Still, CNN thought it was time to bring the whole Antennagate thing to the surface again and name it the biggest tech fail of 2010. We tried to bury Cupertino’s most favorite scandal deep down in our minds; CNN makes it clear that 2010 in tech was all about Antennagate:

First Apple said the problem didn’t exist. Then they said it was a software issue. Then they kind-of admitted it existed and gave away free cases to help. Then, they said it doesn’t really exist anymore and stopped giving away the bumpers. Months later, the problem is all but forgotten and the phones show no sign of dipping in popularity.
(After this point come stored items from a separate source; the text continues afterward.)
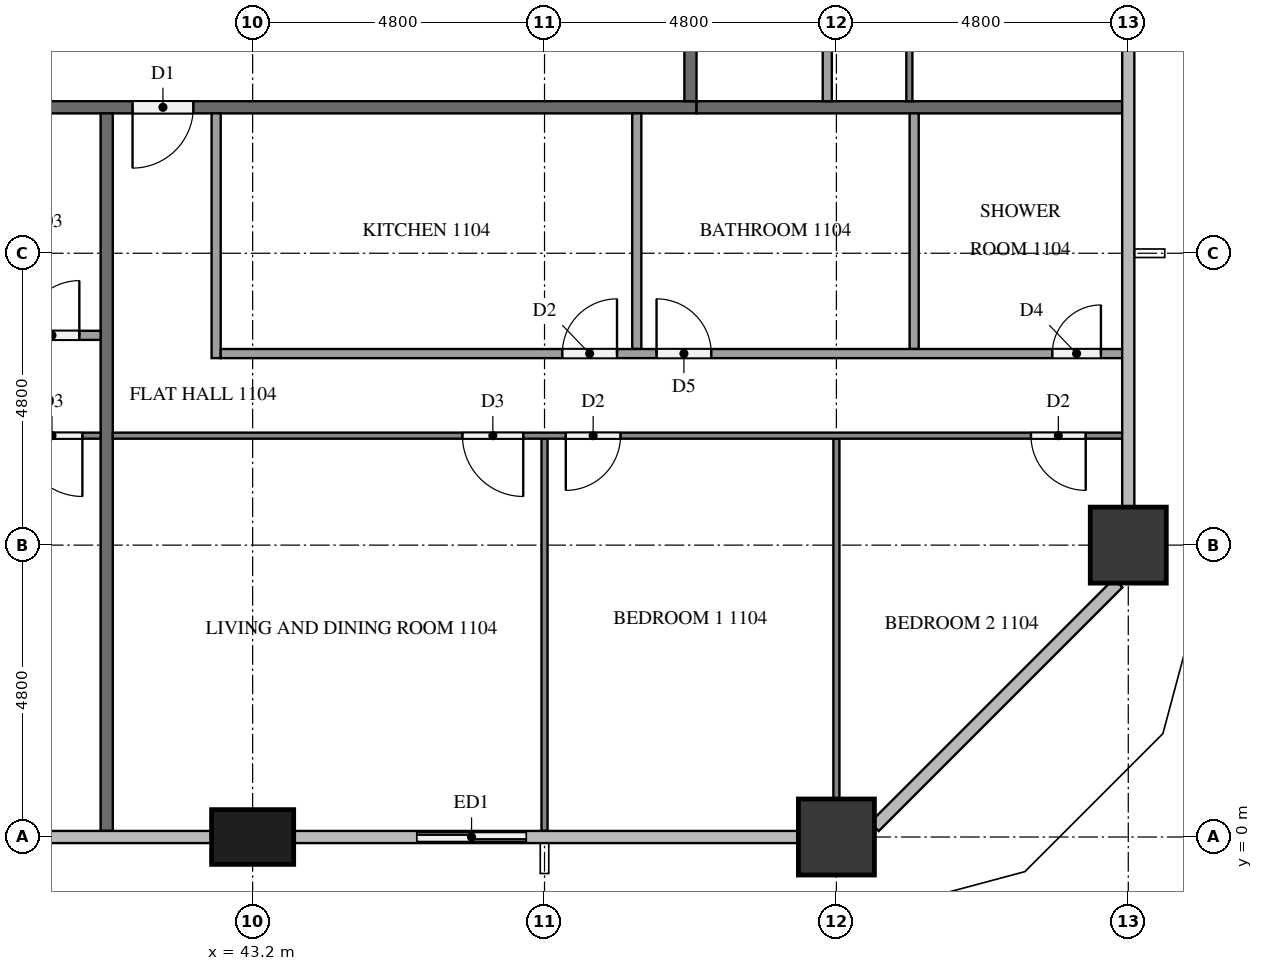
"""IFC4 building model, lengths in metres.
Left out: names, types, materials, properties, quantities, classifications, styles, units other than length and angle.
Written with IfcOpenShell. Run it as: python <this file> out.ifc"""

import sys

from ifc_helpers import new_model, si_unit, direction, frame, frame_2d, origin, origin_2d, place, context, subcontext, project, spatial, rectangle, extrude, element, fill, save


model = new_model("IFC4")
c1 = context("Model", 3, precision=1e-05, world=origin(), true_north=direction((0.0, 1.0)))
c2 = subcontext(c1, "Body", "Model", "MODEL_VIEW")
j1 = project(units=[si_unit("LENGTHUNIT", "METRE"), si_unit("PLANEANGLEUNIT", "RADIAN")], contexts=[c1])
p1 = place(None, origin())
s1 = spatial("IfcSite", under=j1, at=p1, CompositionType="ELEMENT")
p2 = place(p1, origin())
s2 = spatial("IfcBuilding", under=s1, at=p2, CompositionType="ELEMENT")
p3 = place(p2, frame((0.0, 0.0, 46.9)))
s3 = spatial("IfcBuildingStorey", under=s2, at=p3, CompositionType="ELEMENT", Elevation=46.9)
p4 = place(p3, frame((43.2, 0.0, 0.0), z_axis=(0.0, 0.0, 1.0), x_axis=(1.0, 0.0, 0.0)))
e1 = element("IfcColumn", 1, at=p4, inside=s3, PredefinedType="COLUMN", context=c2, shape_type="SweptSolid", body=[
    extrude(rectangle(XDim=1.35, YDim=0.9, at=origin_2d()), origin(), (0.0, 0.0, 1.0), 3.2),
])
for number, where, z_axis, x_axis in (
    (2, (52.8, 0.0, 0.0), (0.0, 0.0, 1.0), (1.0, 0.0, 0.0)),
    (3, (57.6, 4.8, 0.0), (0.0, 0.0, 1.0), (1.0, 0.0, 0.0)),
):
    element("IfcColumn", number, at=place(p3, frame(where, z_axis=z_axis, x_axis=x_axis)), inside=s3, PredefinedType="COLUMN", context=c2, shape_type="SweptSolid", body=[
        extrude(rectangle(XDim=1.25, YDim=1.25, at=origin_2d()), origin(), (0.0, 0.0, 1.0), 3.2),
    ])
p5 = place(p3, frame((45.6, 0.0, 0.0), z_axis=(0.0, 0.0, 1.0), x_axis=(1.0, 0.0, 0.0)))
e4 = element("IfcWall", 4, at=p5, inside=s3, PredefinedType="SOLIDWALL", context=c2, shape_type="SweptSolid", body=[
    extrude(rectangle(XDim=2.4, YDim=0.15, at=frame_2d((1.2, 0.0))), origin(), (0.0, 0.0, 1.0), 3.2),
])
p6 = place(p5, frame((0.3, 0.0, 0.0)))
e5 = element("IfcOpeningElement", 5, at=p6, cuts=e4, PredefinedType="OPENING", context=c2, shape_type="SweptSolid", body=[
    extrude(rectangle(XDim=1.8, YDim=2.4, at=frame_2d((0.9, 1.2))), frame((0.0, 0.085, 0.0), z_axis=(0.0, -1.0, 0.0), x_axis=(1.0, 0.0, 0.0)), (0.0, 0.0, 1.0), 0.17),
])
p7 = place(p3, frame((50.5, 12.0, 0.0), z_axis=(0.0, 0.0, 1.0), x_axis=(-1.0, 0.0, 0.0)))
e6 = element("IfcWall", 6, at=p7, inside=s3, PredefinedType="PARTITIONING", context=c2, shape_type="SweptSolid", body=[
    extrude(rectangle(XDim=38.6, YDim=0.2, at=frame_2d((19.3, 0.0))), origin(), (0.0, 0.0, 1.0), 3.2),
])
p8 = place(p7, frame((36.525, 0.0, 0.0)))
e7 = element("IfcOpeningElement", 7, at=p8, cuts=e6, PredefinedType="OPENING", context=c2, shape_type="SweptSolid", body=[
    extrude(rectangle(XDim=1.0, YDim=2.1, at=frame_2d((0.5, 1.05))), frame((0.0, 0.11, 0.0), z_axis=(0.0, -1.0, 0.0), x_axis=(1.0, 0.0, 0.0)), (0.0, 0.0, 1.0), 0.22),
])
p9 = place(p7, frame((24.525, 0.0, 0.0)))
e8 = element("IfcOpeningElement", 8, at=p9, cuts=e6, PredefinedType="OPENING", context=c2, shape_type="SweptSolid", body=[
    extrude(rectangle(XDim=1.0, YDim=2.1, at=frame_2d((0.5, 1.05))), frame((0.0, 0.11, 0.0), z_axis=(0.0, -1.0, 0.0), x_axis=(1.0, 0.0, 0.0)), (0.0, 0.0, 1.0), 0.22),
])
p10 = place(p7, frame((22.675, 0.0, 0.0)))
e9 = element("IfcOpeningElement", 9, at=p10, cuts=e6, PredefinedType="OPENING", context=c2, shape_type="SweptSolid", body=[
    extrude(rectangle(XDim=1.0, YDim=2.1, at=frame_2d((0.5, 1.05))), frame((0.0, 0.11, 0.0), z_axis=(0.0, -1.0, 0.0), x_axis=(1.0, 0.0, 0.0)), (0.0, 0.0, 1.0), 0.22),
])
p11 = place(p7, frame((8.275, 0.0, 0.0)))
e10 = element("IfcOpeningElement", 10, at=p11, cuts=e6, PredefinedType="OPENING", context=c2, shape_type="SweptSolid", body=[
    extrude(rectangle(XDim=1.0, YDim=2.1, at=frame_2d((0.5, 1.05))), frame((0.0, 0.11, 0.0), z_axis=(0.0, -1.0, 0.0), x_axis=(1.0, 0.0, 0.0)), (0.0, 0.0, 1.0), 0.22),
])
p12 = place(p3, frame((50.4, 40.7, 0.0), z_axis=(0.0, 0.0, 1.0), x_axis=(0.0, -1.0, 0.0)))
e11 = element("IfcWall", 11, at=p12, inside=s3, PredefinedType="PARTITIONING", context=c2, shape_type="SweptSolid", body=[
    extrude(rectangle(XDim=28.6, YDim=0.2, at=frame_2d((14.3, 0.0))), origin(), (0.0, 0.0, 1.0), 3.2),
])
p13 = place(p12, frame((17.125, 0.0, 0.0)))
e12 = element("IfcOpeningElement", 12, at=p13, cuts=e11, PredefinedType="OPENING", context=c2, shape_type="SweptSolid", body=[
    extrude(rectangle(XDim=1.0, YDim=2.1, at=frame_2d((0.5, 1.05))), frame((0.0, 0.11, 0.0), z_axis=(0.0, -1.0, 0.0), x_axis=(1.0, 0.0, 0.0)), (0.0, 0.0, 1.0), 0.22),
])
p14 = place(p12, frame((15.275, 0.0, 0.0)))
e13 = element("IfcOpeningElement", 13, at=p14, cuts=e11, PredefinedType="OPENING", context=c2, shape_type="SweptSolid", body=[
    extrude(rectangle(XDim=1.0, YDim=2.1, at=frame_2d((0.5, 1.05))), frame((0.0, 0.11, 0.0), z_axis=(0.0, -1.0, 0.0), x_axis=(1.0, 0.0, 0.0)), (0.0, 0.0, 1.0), 0.22),
])
p15 = place(p12, frame((5.675, 0.0, 0.0)))
e14 = element("IfcOpeningElement", 14, at=p15, cuts=e11, PredefinedType="OPENING", context=c2, shape_type="SweptSolid", body=[
    extrude(rectangle(XDim=1.0, YDim=2.1, at=frame_2d((0.5, 1.05))), frame((0.0, 0.11, 0.0), z_axis=(0.0, -1.0, 0.0), x_axis=(1.0, 0.0, 0.0)), (0.0, 0.0, 1.0), 0.22),
])
p16 = place(p3, frame((40.8, 11.9, 0.0), z_axis=(0.0, 0.0, 1.0), x_axis=(0.0, -1.0, 0.0)))
e15 = element("IfcWall", 15, at=p16, inside=s3, PredefinedType="PARTITIONING", context=c2, shape_type="SweptSolid", body=[
    extrude(rectangle(XDim=11.8, YDim=0.2, at=frame_2d((5.9, 0.0))), origin(), (0.0, 0.0, 1.0), 3.2),
])
p17 = place(p3, frame((50.5, 12.0, 0.0), z_axis=(0.0, 0.0, 1.0), x_axis=(1.0, 0.0, 0.0)))
e16 = element("IfcWall", 16, at=p17, inside=s3, PredefinedType="PARTITIONING", context=c2, shape_type="SweptSolid", body=[
    extrude(rectangle(XDim=7.0, YDim=0.2, at=frame_2d((3.5, 0.0))), origin(), (0.0, 0.0, 1.0), 3.2),
])
p18 = place(p3, frame((40.7, 6.6, 0.0), z_axis=(0.0, 0.0, 1.0), x_axis=(-1.0, 0.0, 0.0)))
e17 = element("IfcWall", 17, at=p18, inside=s3, PredefinedType="PARTITIONING", context=c2, shape_type="SweptSolid", body=[
    extrude(rectangle(XDim=14.2, YDim=0.1, at=frame_2d((7.1, 0.0))), origin(), (0.0, 0.0, 1.0), 3.2),
])
p19 = place(p18, frame((9.85, 0.0, 0.0)))
e18 = element("IfcOpeningElement", 18, at=p19, cuts=e17, PredefinedType="OPENING", context=c2, shape_type="SweptSolid", body=[
    extrude(rectangle(XDim=0.9, YDim=2.1, at=frame_2d((0.45, 1.05))), frame((0.0, 0.06, 0.0), z_axis=(0.0, -1.0, 0.0), x_axis=(1.0, 0.0, 0.0)), (0.0, 0.0, 1.0), 0.12),
])
p20 = place(p18, frame((8.25, 0.0, 0.0)))
e19 = element("IfcOpeningElement", 19, at=p20, cuts=e17, PredefinedType="OPENING", context=c2, shape_type="SweptSolid", body=[
    extrude(rectangle(XDim=0.9, YDim=2.1, at=frame_2d((0.45, 1.05))), frame((0.0, 0.06, 0.0), z_axis=(0.0, -1.0, 0.0), x_axis=(1.0, 0.0, 0.0)), (0.0, 0.0, 1.0), 0.12),
])
p21 = place(p18, frame((0.3, 0.0, 0.0)))
e20 = element("IfcOpeningElement", 20, at=p21, cuts=e17, PredefinedType="OPENING", context=c2, shape_type="SweptSolid", body=[
    extrude(rectangle(XDim=1.0, YDim=2.1, at=frame_2d((0.5, 1.05))), frame((0.0, 0.06, 0.0), z_axis=(0.0, -1.0, 0.0), x_axis=(1.0, 0.0, 0.0)), (0.0, 0.0, 1.0), 0.12),
])
p22 = place(p3, frame((28.275, 8.25, 0.0), z_axis=(0.0, 0.0, 1.0), x_axis=(1.0, 0.0, 0.0)))
e21 = element("IfcWall", 21, at=p22, inside=s3, PredefinedType="PARTITIONING", context=c2, shape_type="SweptSolid", body=[
    extrude(rectangle(XDim=12.425, YDim=0.15, at=frame_2d((6.212, 0.0))), origin(), (0.0, 0.0, 1.0), 3.2),
])
p23 = place(p22, frame((4.51, 0.0, 0.0)))
e22 = element("IfcOpeningElement", 22, at=p23, cuts=e21, PredefinedType="OPENING", context=c2, shape_type="SweptSolid", body=[
    extrude(rectangle(XDim=0.9, YDim=2.1, at=frame_2d((0.45, 1.05))), frame((0.0, 0.085, 0.0), z_axis=(0.0, -1.0, 0.0), x_axis=(1.0, 0.0, 0.0)), (0.0, 0.0, 1.0), 0.17),
])
p24 = place(p22, frame((6.06, 0.0, 0.0)))
e23 = element("IfcOpeningElement", 23, at=p24, cuts=e21, PredefinedType="OPENING", context=c2, shape_type="SweptSolid", body=[
    extrude(rectangle(XDim=0.8, YDim=2.1, at=frame_2d((0.4, 1.05))), frame((0.0, 0.085, 0.0), z_axis=(0.0, -1.0, 0.0), x_axis=(1.0, 0.0, 0.0)), (0.0, 0.0, 1.0), 0.17),
])
p25 = place(p22, frame((11.175, 0.0, 0.0)))
e24 = element("IfcOpeningElement", 24, at=p25, cuts=e21, PredefinedType="OPENING", context=c2, shape_type="SweptSolid", body=[
    extrude(rectangle(XDim=0.9, YDim=2.1, at=frame_2d((0.45, 1.05))), frame((0.0, 0.085, 0.0), z_axis=(0.0, -1.0, 0.0), x_axis=(1.0, 0.0, 0.0)), (0.0, 0.0, 1.0), 0.17),
])
p26 = place(p3, frame((48.0, 6.55, 0.0), z_axis=(0.0, 0.0, 1.0), x_axis=(0.0, -1.0, 0.0)))
e25 = element("IfcWall", 25, at=p26, inside=s3, PredefinedType="PARTITIONING", context=c2, shape_type="SweptSolid", body=[
    extrude(rectangle(XDim=6.45, YDim=0.1, at=frame_2d((3.225, 0.0))), origin(), (0.0, 0.0, 1.0), 3.2),
])
p27 = place(p3, frame((52.8, 6.55, 0.0), z_axis=(0.0, 0.0, 1.0), x_axis=(0.0, -1.0, 0.0)))
e26 = element("IfcWall", 26, at=p27, inside=s3, PredefinedType="PARTITIONING", context=c2, shape_type="SweptSolid", body=[
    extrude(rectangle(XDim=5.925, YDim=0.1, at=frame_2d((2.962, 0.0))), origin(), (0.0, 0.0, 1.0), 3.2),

So “fail,” in this case, is a pretty relative term.

Antennagate is not alone in the chart, though. 3D TVs made the list as well (seriously, I haven’t seen one or heard of a single friend of mine who bought / considered buying one) together with the Nexus One, the Microsoft Kin, Facebook’s privacy issues and the Gawker media security breach. Looking back, it looks like we had a great 2010 full of interesting tech stories and theories.

There’s only one sad point: Ping is, again, listed as one of the fails of 2o10. I feel bad for Ping: no one likes it. It just needs…a little bit of everything.